Pine Bluff Rising announced Thursday the formation of a construction and trade alliance intended to connect local subcontractors with more work opportunities.

Pine Bluff Rising board member Ryan Watley said its purpose is to offer mentoring, job training and education to allow local subcontractors to bid successfully on projects. Subcontractors include electricians, plumbers and carpenters who are hired by general commercial contractors to complete smaller projects that are part of a larger construction project.

“People will need to meet a certain standard,” Watley, who is also an assistant director of development at the University of Arkansas at Pine Bluff, said. “There will be intermediate people who just need a little help. There will be people who need help to start a construction firm.”

About 80 people attended the meeting at the Donald W. Reynolds Center. Watley said UAPB, Southeast Arkansas College and Jefferson Regional Medical Center will be doing projects. He asked people to join the construction and trade alliance.

“We cannot guarantee you anything but we can facilitate an opportunity for you to be in the know about jobs,” Watley said. “And if you submit yourself to a process, eventually you will participate in some of those developments.”

Watley said the trade union will identify all local subcontractors and evaluate their capacity to perform a given project. They would then either be connected with projects that match their skills, or be provided guidance and mentoring to improve their skills.

Watley discussed Go Forward Pine Bluff and its associated proposed five-eighths cent sales tax increase that its proponents say would generate $31.5 million over seven years and then sunset. He asked citizens to vote for this proposed tax increase on June 13. Supporters said another $20 million is expected to be generated over seven years from businesses, grants and donations. Evelyn Horton, a representative for Pine Bluff Mayor Shirley Washington, said Washington was attending a conference in Little Rock. Horton pledged her support for the construction and trade alliance, equating it to growing Pine Bluff.

“Our mayor, Shirley Washington, believes that we are one Pine Bluff: stronger together,” Horton said. “This is a great example of how citizens working together can offer mentoring, job training, and education to help local contractors compete for local projects and empower citizens in Pine Bluff. Pine Bluff is ready for a change in a new direction. Projects on our main street are on the move. Our schools from pre-K to college are producing talented young boys and girls [and] men and women. Our business community is working hard to invest in a stronger city.”

Van Tilbury, the chief executive officer and president of Little Rock-based East Harding Construction, recognized CBI and Con-Real as the three majority contractors that are “stepping forward in terms of mentorship.”

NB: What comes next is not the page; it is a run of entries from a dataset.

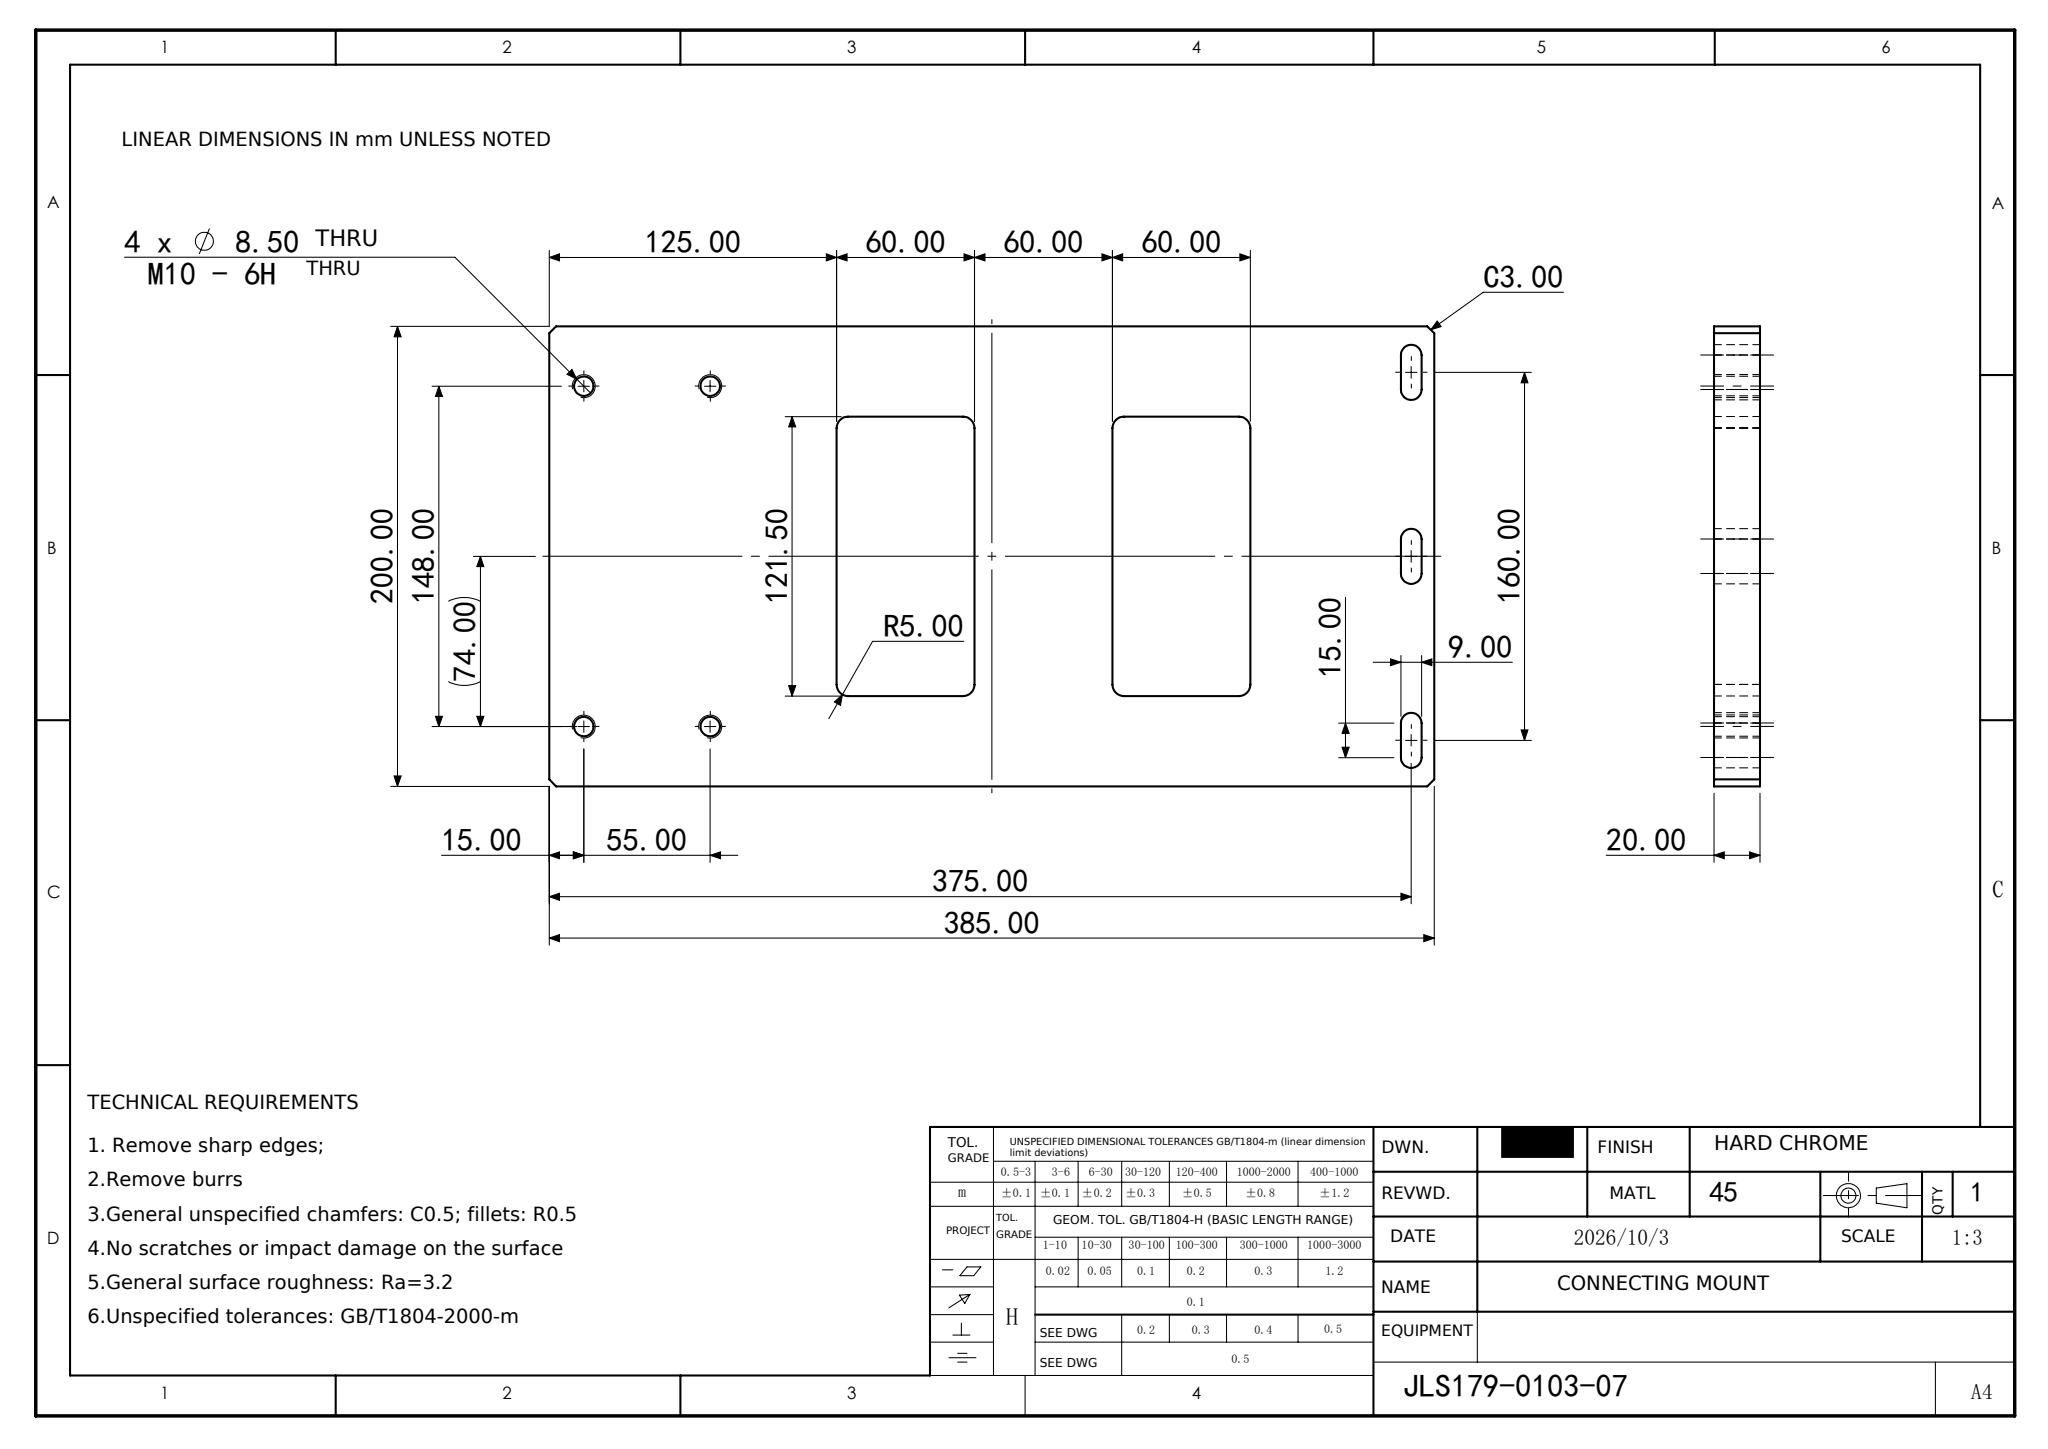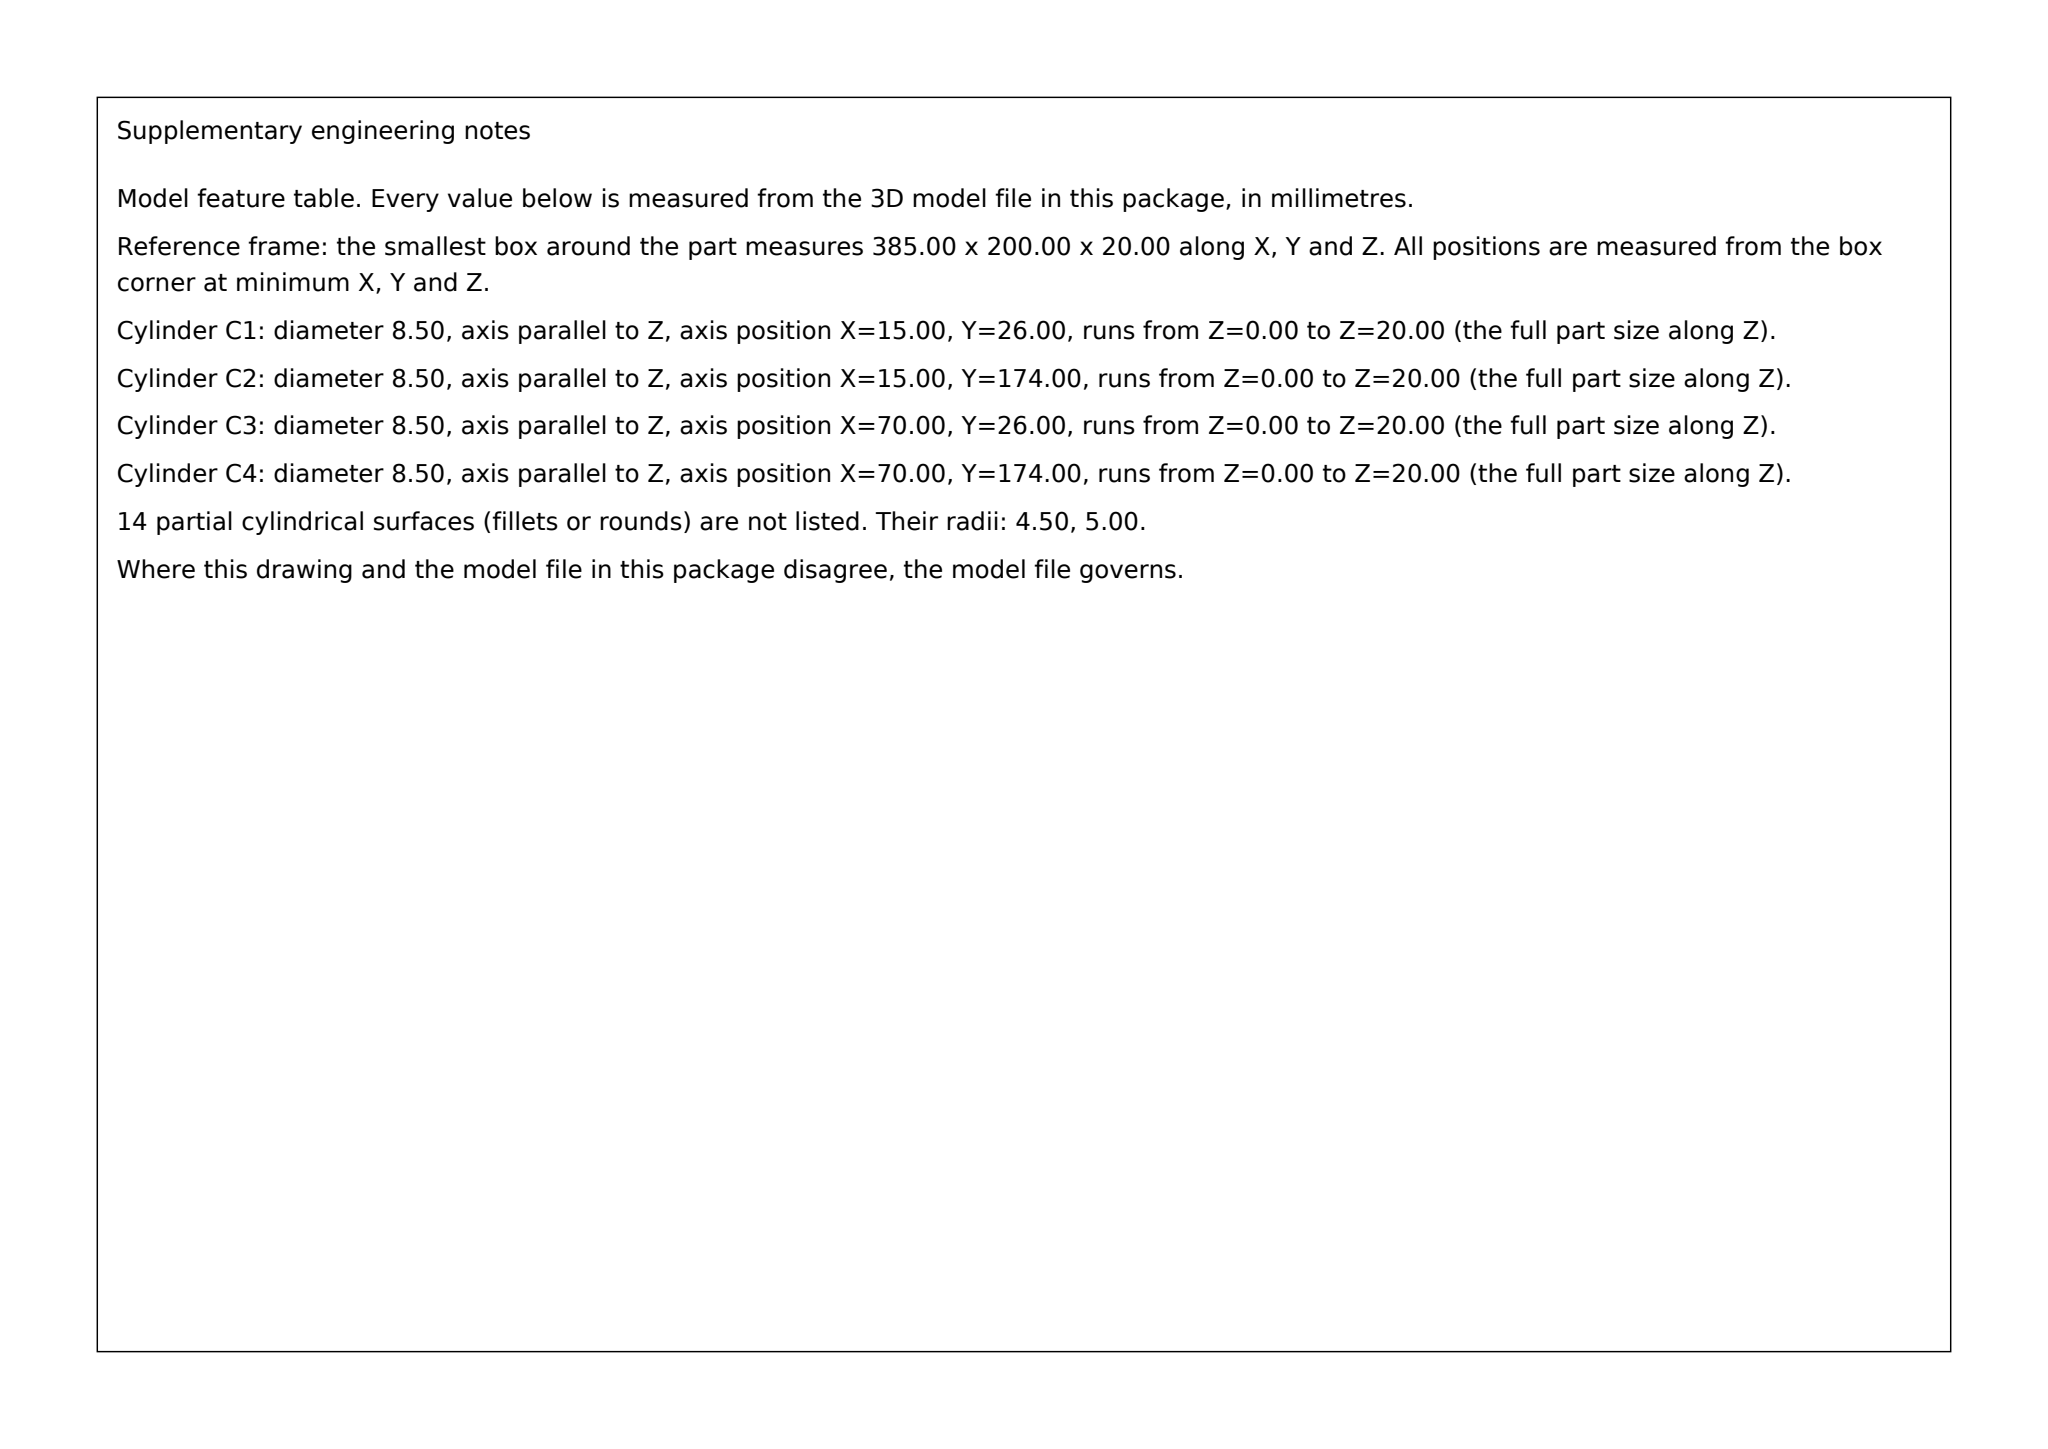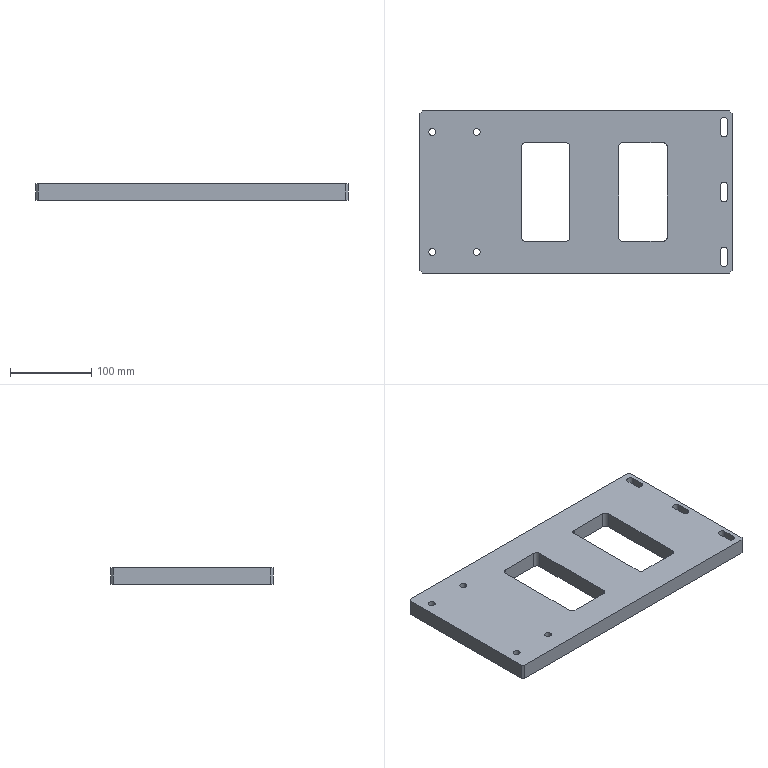Part | SolidWorks | mm | material 45 | 1 solid | 46 faces | box 385 x 200 x 20 mm | volume 1232432 mm3 | plane 24 | cylinder 22 | commonest cylinder face diameters 8.5 x8 10 x8 9 x6
build123d program:
from build123d import *

# Parameters (mm, degrees)
SKETCH1_W           = 385
SKETCH1_H           = 200
BOSS_EXTRUDE1_DEPTH = 20
CHAMFER1_SIZE       = 3
CUT_EXTRUDE1_DEPTH  = 218.845
M10_TAPPED_HOLE1_D  = 8.5
SKETCH5_W           = 60
SKETCH5_H           = 121.504
CUT_EXTRUDE2_DEPTH  = 218.845
FILLET1_R           = 5


with BuildPart() as part:
    # Sketch1 → Boss-Extrude1 (new body)
    with BuildSketch(Plane.XY):
        Rectangle(SKETCH1_W, SKETCH1_H)
    extrude(amount=BOSS_EXTRUDE1_DEPTH)

    # Chamfer1
    chamfer1_edges = [part.edges().sort_by_distance(p)[0] for p in [
        (192.5, -100, 10),
        (-192.5, -100, 10),
        (-192.5, 100, 10),
        (192.5, 100, 10),
    ]]
    chamfer(chamfer1_edges, length=CHAMFER1_SIZE)

    # Sketch2 → Cut-Extrude1 (cut, through all)
    with BuildSketch(Plane(origin=(0, 0, 0), x_dir=(-1, 0, 0), z_dir=(0, 0, -1))):
        with BuildLine():
            Line((-187, -7.5), (-187, 7.5))
            ThreePointArc((-187, 7.5), (-182.5, 12), (-178, 7.5))
            Line((-178, 7.5), (-178, -7.5))
            ThreePointArc((-178, -7.5), (-182.5, -12), (-187, -7.5))
        make_face()
        with BuildLine():
            Line((-187, 72.5), (-187, 87.5))
            ThreePointArc((-187, 87.5), (-182.5, 92), (-178, 87.5))
            Line((-178, 87.5), (-178, 72.5))
            ThreePointArc((-178, 72.5), (-182.5, 68), (-187, 72.5))
        make_face()
        with BuildLine():
            Line((-187, -72.5), (-187, -87.5))
            ThreePointArc((-187, -87.5), (-182.5, -92), (-178, -87.5))
            Line((-178, -87.5), (-178, -72.5))
            ThreePointArc((-178, -72.5), (-182.5, -68), (-187, -72.5))
        make_face()
    extrude(amount=-CUT_EXTRUDE1_DEPTH, mode=Mode.SUBTRACT)

    # M10 Tapped Hole1 (through all)
    with Locations(Plane.XY.offset(20)):
        with Locations((-122.5, 74), (-177.5, 74), (-122.5, -74), (-177.5, -74)):
            Hole(M10_TAPPED_HOLE1_D / 2)

    # Sketch5 → Cut-Extrude2 (cut, through all)
    with BuildSketch(Plane(origin=(0, 0, 0), x_dir=(-1, 0, 0), z_dir=(0, 0, -1))):
        with Locations((-82.5, 0)):
            Rectangle(SKETCH5_W, SKETCH5_H)
        with Locations((37.5, 0)):
            Rectangle(SKETCH5_W, SKETCH5_H)
    extrude(amount=-CUT_EXTRUDE2_DEPTH, mode=Mode.SUBTRACT)

    # Fillet1
    fillet1_edges = [part.edges().sort_by_distance(p)[0] for p in [
        (52.5, 60.752, 10),
        (52.5, -60.752, 10),
        (112.5, -60.752, 10),
        (112.5, 60.752, 10),
        (-67.5, 60.752, 10),
        (-67.5, -60.752, 10),
        (-7.5, -60.752, 10),
        (-7.5, 60.752, 10),
    ]]
    fillet(fillet1_edges, radius=FILLET1_R)


solid = part.part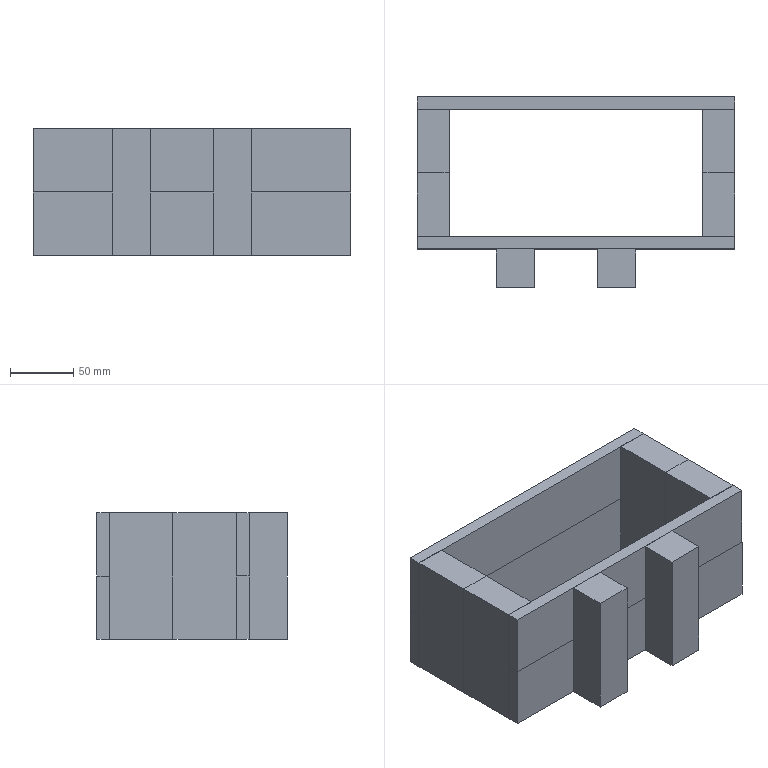Assembly | NX | mm | 10 component files | 10 solids | 60 faces | box 250 x 150 x 100 mm | volume 1180000 mm3 | plane 60
Bill of materials:
unnamed part 1 | 4 |  | Long, thin, flat rectangular bar (a strip-like rectangular prism) with sharp edges and no visible holes, slots or cut-outs.
unnamed part 2 | 2 |  | Rectangular prism with a square cross-section, about 3 to 3.5 times as long as its side width. Plain block or bar with no visible features.
unnamed part 3 | 4 |  | Solid rectangular block (cuboid) with three different edge lengths, in proportions of roughly 1:2:4. No visible features.
Mates:
1. touch align | Front_block 3 edge | Front_block 4 edge
2. touch align | Front_block 4 edge | Front_block 3 edge
3. fix | Front_block 4 component
4. touch align | Front_block 2 edge | Front_block 1 edge
5. touch align | Front_block 2 edge | Front_block 1 edge
6. touch align | front_up 1 face | Front_block 3 face
7. distance | front_up 1 face | Front_block 3 face
8. touch align | front_up 1 face | Front_block 3 face
9. touch align | front_up 2 face | Front_block 3 face
10. distance | front_up 2 face | front_up 1 face
11. touch align | front_up 2 face | Front_block 3 face
12. touch align | Front_block 3 face | Front_block 2 face
13. touch align | Front_block 3 face | Front_block 2 face
14. distance | Front_block 3 face | Front_block 2 face
15. touch align | side 4 edge | Front_block 3 edge
16. touch align | side 4 face | Front_block 3 face
17. touch align | side 4 face | Front_block 4 face
18. touch align | side 3 edge | side 4 edge
19. touch align | side 3 face | side 4 face
20. touch align | Front_block 2 face | side 3 face
21. touch align | side 2 face | Front_block 2 face
22. touch align | side 2 face | Front_block 2 face
23. touch align | side 2 face | Front_block 2 face
24. touch align | side 1 face | side 2 face
25. touch align | side 1 face | side 2 face
26. touch align | side 1 face | Front_block 3 face
27. touch align | side 1 face | Front_block 3 face

East Harding started a similar program in Little Rock in 2008 by which subcontractors were given a chance to bid on public construction projects. East Harding accepts the lowest, most qualified bidder. The contractors must abide by the rules.

“You have an opportunity to get on a project that might be bigger than one you’ve done before,” Tilbury said. ” … East Harding feels like [Pine Bluff] is our second home. Our first time in Pine Bluff was to be the construction manager for the building you’re in. That started in ‘02 and completed in ‘03. We’ve had a project going consistently in Pine Bluff for the last 15 years in one form or another.”